Plaintiffs NetJets Aviation, Inc., and NetJets Sales, Inc. (collectively "NetJets"), appeal from so much of a judgment of the United States District Court for the Southern District of New York, Deborah A. BattsJudge, as summarily dismissed their claims against defendant LHC Communications, LLC ("LHC"), for breach of contract and their claims against defendant Laurence S. Zimmerman, as LHC's alter ego, for breach of contract and account stated. The district court, having granted partial summary judgment in favor of NetJets on account-stated claims against LHC, sua sponte dismissed NetJets's breach-of-contract claims against LHC on the ground that they were duplicative of the account-stated claims. The court sua sponte granted summary judgment dismissing NetJets's claims against Zimmerman on the ground that NetJets had not adduced sufficient evidence to pierce the corporate veil. On appeal, NetJets contended principally that the district court erred in treating its breach-of-contract claims as duplicative of its account-stated claims, because the pertinent contracts allow NetJets to recover not only the balances due on LHC's accounts but also attorneys' fees.
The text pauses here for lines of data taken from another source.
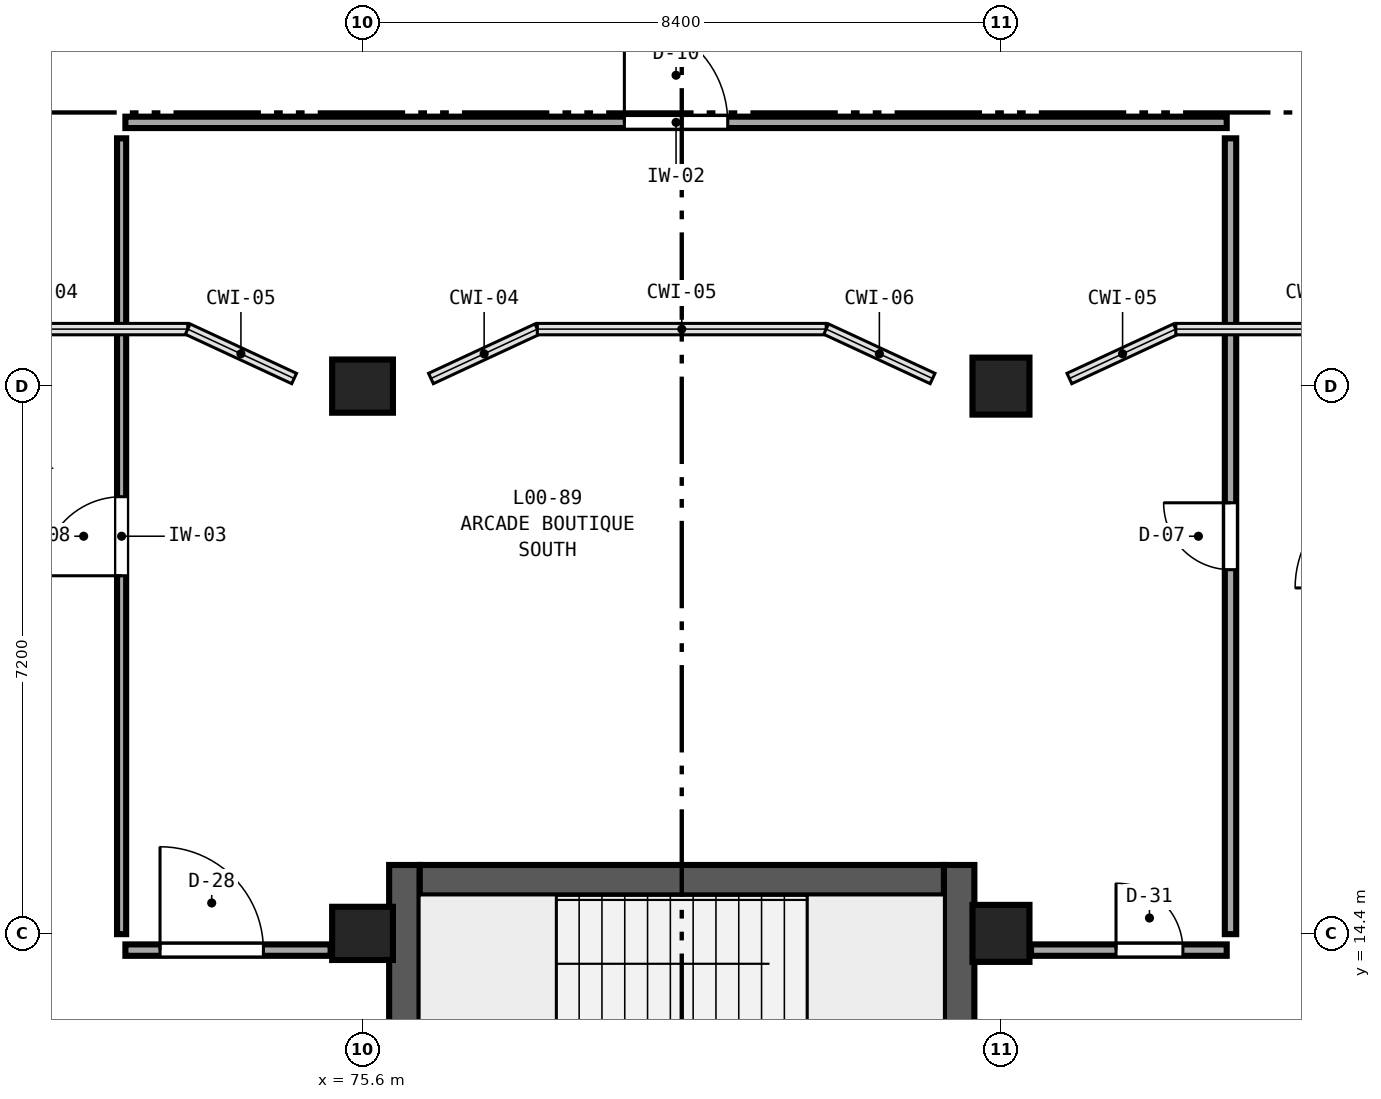
"""IFC4 building model, lengths in metres.
Left out: names, types, materials, properties, quantities, classifications, styles, units other than length and angle.
Written with IfcOpenShell. Run it as: python <this file> out.ifc"""

import sys

from ifc_helpers import new_model, si_unit, direction, frame, frame_2d, origin, origin_2d, place, context, subcontext, project, spatial, rectangle, extrude, element, fill, save


model = new_model("IFC4")
c1 = context("Model", 3, precision=1e-05, world=origin(), true_north=direction((0.0, 1.0)))
c2 = subcontext(c1, "Body", "Model", "MODEL_VIEW")
j1 = project(units=[si_unit("LENGTHUNIT", "METRE"), si_unit("PLANEANGLEUNIT", "RADIAN")], contexts=[c1])
p1 = place(None, origin())
s1 = spatial("IfcSite", under=j1, at=p1, CompositionType="ELEMENT")
p2 = place(p1, origin())
s2 = spatial("IfcBuilding", under=s1, at=p2, CompositionType="ELEMENT")
p3 = place(p2, origin())
s3 = spatial("IfcBuildingStorey", under=s2, at=p3, CompositionType="ELEMENT", Elevation=0.0)
for number, where, z_axis, x_axis in (
    (1, (75.6, 14.4, 0.0), (0.0, 0.0, 1.0), (1.0, 0.0, 0.0)),
    (2, (75.6, 21.6, 0.0), (0.0, 0.0, 1.0), (1.0, 0.0, 0.0)),
):
    element("IfcColumn", number, at=place(p3, frame(where, z_axis=z_axis, x_axis=x_axis)), inside=s3, PredefinedType="COLUMN", context=c2, shape_type="SweptSolid", body=[
        extrude(rectangle(XDim=0.8, YDim=0.7, at=origin_2d()), origin(), (0.0, 0.0, 1.0), 5.4),
    ])
for number, where, z_axis, x_axis in (
    (3, (84.0, 14.4, 0.0), (0.0, 0.0, 1.0), (1.0, 0.0, 0.0)),
    (4, (84.0, 21.6, 0.0), (0.0, 0.0, 1.0), (1.0, 0.0, 0.0)),
):
    element("IfcColumn", number, at=place(p3, frame(where, z_axis=z_axis, x_axis=x_axis)), inside=s3, PredefinedType="COLUMN", context=c2, shape_type="SweptSolid", body=[
        extrude(rectangle(XDim=0.75, YDim=0.75, at=origin_2d()), origin(), (0.0, 0.0, 1.0), 5.4),
    ])
p4 = place(p3, frame((76.35, 15.1, 0.0), z_axis=(0.0, 0.0, 1.0), x_axis=(1.0, 0.0, 0.0)))
e5 = element("IfcWall", 5, at=p4, inside=s3, PredefinedType="SHEAR", context=c2, shape_type="SweptSolid", body=[
    extrude(rectangle(XDim=6.9, YDim=0.4, at=frame_2d((3.45, 0.0))), origin(), (0.0, 0.0, 1.0), 5.4),
])
for number, where, z_axis, x_axis in (
    (6, (76.15, 15.3, 0.0), (0.0, 0.0, 1.0), (0.0, -1.0, 0.0)),
    (7, (83.45, 7.25, 0.0), (0.0, 0.0, 1.0), (0.0, 1.0, 0.0)),
):
    element("IfcWall", number, at=place(p3, frame(where, z_axis=z_axis, x_axis=x_axis)), inside=s3, PredefinedType="SHEAR", context=c2, shape_type="SweptSolid", body=[
        extrude(rectangle(XDim=8.05, YDim=0.4, at=frame_2d((4.025, 0.0))), origin(), (0.0, 0.0, 1.0), 5.4),
    ])
p5 = place(p3, frame((72.48, 25.07, 0.0), z_axis=(0.0, 0.0, 1.0), x_axis=(1.0, 0.0, 0.0)))
e8 = element("IfcWall", 8, at=p5, inside=s3, PredefinedType="PARTITIONING", context=c2, shape_type="SweptSolid", body=[
    extrude(rectangle(XDim=14.49, YDim=0.15, at=frame_2d((7.245, 0.0))), origin(), (0.0, 0.0, 1.0), 5.08),
])
p6 = place(p5, frame((6.565, 0.0, 0.0)))
e9 = element("IfcOpeningElement", 9, at=p6, cuts=e8, PredefinedType="OPENING", context=c2, shape_type="SweptSolid", body=[
    extrude(rectangle(XDim=1.36, YDim=2.13, at=frame_2d((0.68, 1.065))), frame((0.0, 0.095, 0.0), z_axis=(0.0, -1.0, 0.0), x_axis=(1.0, 0.0, 0.0)), (0.0, 0.0, 1.0), 0.19),
])
p7 = place(p3, frame((87.02, 14.39, 0.0), z_axis=(0.0, 0.0, 1.0), x_axis=(0.0, 1.0, 0.0)))
e10 = element("IfcWall", 10, at=p7, inside=s3, PredefinedType="PARTITIONING", context=c2, shape_type="SweptSolid", body=[
    extrude(rectangle(XDim=10.47, YDim=0.15, at=frame_2d((5.235, 0.0))), origin(), (0.0, 0.0, 1.0), 5.08),
])
p8 = place(p7, frame((4.795, 0.0, 0.0)))
e11 = element("IfcOpeningElement", 11, at=p8, cuts=e10, PredefinedType="OPENING", context=c2, shape_type="SweptSolid", body=[
    extrude(rectangle(XDim=0.88, YDim=2.13, at=frame_2d((0.44, 1.065))), frame((0.0, 0.095, 0.0), z_axis=(0.0, -1.0, 0.0), x_axis=(1.0, 0.0, 0.0)), (0.0, 0.0, 1.0), 0.19),
])
p9 = place(p3, frame((72.43, 14.39, 0.0), z_axis=(0.0, 0.0, 1.0), x_axis=(0.0, 1.0, 0.0)))
e12 = element("IfcWall", 12, at=p9, inside=s3, PredefinedType="PARTITIONING", context=c2, shape_type="SweptSolid", body=[
    extrude(rectangle(XDim=10.47, YDim=0.12, at=frame_2d((5.235, 0.0))), origin(), (0.0, 0.0, 1.0), 5.08),
])
p10 = place(p9, frame((4.715, 0.0, 0.0)))
e13 = element("IfcOpeningElement", 13, at=p10, cuts=e12, PredefinedType="OPENING", context=c2, shape_type="SweptSolid", body=[
    extrude(rectangle(XDim=1.04, YDim=2.13, at=frame_2d((0.52, 1.065))), frame((0.0, 0.08, 0.0), z_axis=(0.0, -1.0, 0.0), x_axis=(1.0, 0.0, 0.0)), (0.0, 0.0, 1.0), 0.16),
])
p11 = place(p3, frame((72.48, 14.18, 0.0), z_axis=(0.0, 0.0, 1.0), x_axis=(1.0, 0.0, 0.0)))
e14 = element("IfcWall", 14, at=p11, inside=s3, PredefinedType="PARTITIONING", context=c2, shape_type="SweptSolid", body=[
    extrude(rectangle(XDim=2.7, YDim=0.15, at=frame_2d((1.35, 0.0))), origin(), (0.0, 0.0, 1.0), 4.58),
])
p12 = place(p11, frame((0.456, 0.0, 0.0)))
e15 = element("IfcOpeningElement", 15, at=p12, cuts=e14, PredefinedType="OPENING", context=c2, shape_type="SweptSolid", body=[
    extrude(rectangle(XDim=1.36, YDim=2.37, at=frame_2d((0.68, 1.185))), frame((0.0, 0.095, 0.0), z_axis=(0.0, -1.0, 0.0), x_axis=(1.0, 0.0, 0.0)), (0.0, 0.0, 1.0), 0.19),
])
p13 = place(p3, frame((84.395, 14.18, 0.0), z_axis=(0.0, 0.0, 1.0), x_axis=(1.0, 0.0, 0.0)))
e16 = element("IfcWall", 16, at=p13, inside=s3, PredefinedType="PARTITIONING", context=c2, shape_type="SweptSolid", body=[
    extrude(rectangle(XDim=2.575, YDim=0.15, at=frame_2d((1.288, 0.0))), origin(), (0.0, 0.0, 1.0), 4.58),
])
p14 = place(p13, frame((1.119, 0.0, 0.0)))
e17 = element("IfcOpeningElement", 17, at=p14, cuts=e16, PredefinedType="OPENING", context=c2, shape_type="SweptSolid", body=[
    extrude(rectangle(XDim=0.88, YDim=2.45, at=frame_2d((0.44, 1.225))), frame((0.0, 0.095, 0.0), z_axis=(0.0, -1.0, 0.0), x_axis=(1.0, 0.0, 0.0)), (0.0, 0.0, 1.0), 0.19),
])
p15 = place(p6, frame((1.36, 0.0, 0.0), z_axis=(0.0, 0.0, 1.0), x_axis=(-1.0, 0.0, 0.0)))
e18 = element("IfcDoor", 18, at=p15, inside=s3, OperationType="SINGLE_SWING_LEFT", PredefinedType="DOOR", context=c2, shape_type="SweptSolid", body=[
    extrude(rectangle(XDim=1.36, YDim=2.13, at=frame_2d((0.68, 1.065))), frame((0.0, 0.025, 0.0), z_axis=(0.0, -1.0, 0.0), x_axis=(1.0, 0.0, 0.0)), (0.0, 0.0, 1.0), 0.05),
])
fill(e9, e18)
p16 = place(p8, origin())
e19 = element("IfcDoor", 19, at=p16, inside=s3, OperationType="SINGLE_SWING_RIGHT", PredefinedType="DOOR", context=c2, shape_type="SweptSolid", body=[
    extrude(rectangle(XDim=0.88, YDim=2.13, at=frame_2d((0.44, 1.065))), frame((0.0, 0.025, 0.0), z_axis=(0.0, -1.0, 0.0), x_axis=(1.0, 0.0, 0.0)), (0.0, 0.0, 1.0), 0.05),
])
fill(e11, e19)
p17 = place(p10, frame((1.04, 0.0, 0.0), z_axis=(0.0, 0.0, 1.0), x_axis=(-1.0, 0.0, 0.0)))
e20 = element("IfcDoor", 20, at=p17, inside=s3, OperationType="SINGLE_SWING_LEFT", PredefinedType="DOOR", context=c2, shape_type="SweptSolid", body=[
    extrude(rectangle(XDim=1.04, YDim=2.13, at=frame_2d((0.52, 1.065))), frame((0.0, 0.025, 0.0), z_axis=(0.0, -1.0, 0.0), x_axis=(1.0, 0.0, 0.0)), (0.0, 0.0, 1.0), 0.05),
])
fill(e13, e20)
p18 = place(p12, origin())
e21 = element("IfcDoor", 21, at=p18, inside=s3, OperationType="SINGLE_SWING_LEFT", PredefinedType="DOOR", context=c2, shape_type="SweptSolid", body=[
    extrude(rectangle(XDim=1.36, YDim=2.37, at=frame_2d((0.68, 1.185))), frame((0.0, 0.025, 0.0), z_axis=(0.0, -1.0, 0.0), x_axis=(1.0, 0.0, 0.0)), (0.0, 0.0, 1.0), 0.05),
])
fill(e15, e21)
p19 = place(p14, origin())
e22 = element("IfcDoor", 22, at=p19, inside=s3, OperationType="SINGLE_SWING_LEFT", PredefinedType="DOOR", context=c2, shape_type="SweptSolid", body=[
    extrude(rectangle(XDim=0.88, YDim=2.45, at=frame_2d((0.44, 1.225))), frame((0.0, 0.025, 0.0), z_axis=(0.0, -1.0, 0.0), x_axis=(1.0, 0.0, 0.0)), (0.0, 0.0, 1.0), 0.05),
])
fill(e17, e22)
save(model, sys.argv[1])

Netjets also claimed that the district court erred in concluding that there was not sufficient evidence to support its breach-of-contract and account-stated claims against Zimmerman as LHC's alter ego.

Issue:

Did the district court err in dismissing NetJets’ claims against LHC for breach of contract and NetJets’ claims against Zimmerman, as LHC's alter ego, for breach of contract and account stated?

Answer:

Yes

Conclusion:

NetJets’ breach-of-contract claims against the LHC were erroneously dismissed and NetJets were entitled to trial on the contract and account-stated claims against Zimmerman as LHC's alter ego. As attorneys' fees based on contract clauses could not be recovered on claims for account stated, NetJets' contract claims were not duplicative of the claims for account stated. Both the question of whether LHC was operated as Zimmerman’s alter ego and the question of whether it was so operated in a way that showed fraud, illegality, bad faith, or an overall element of injustice or unfairness, remained to be answered by the factfinder after trial.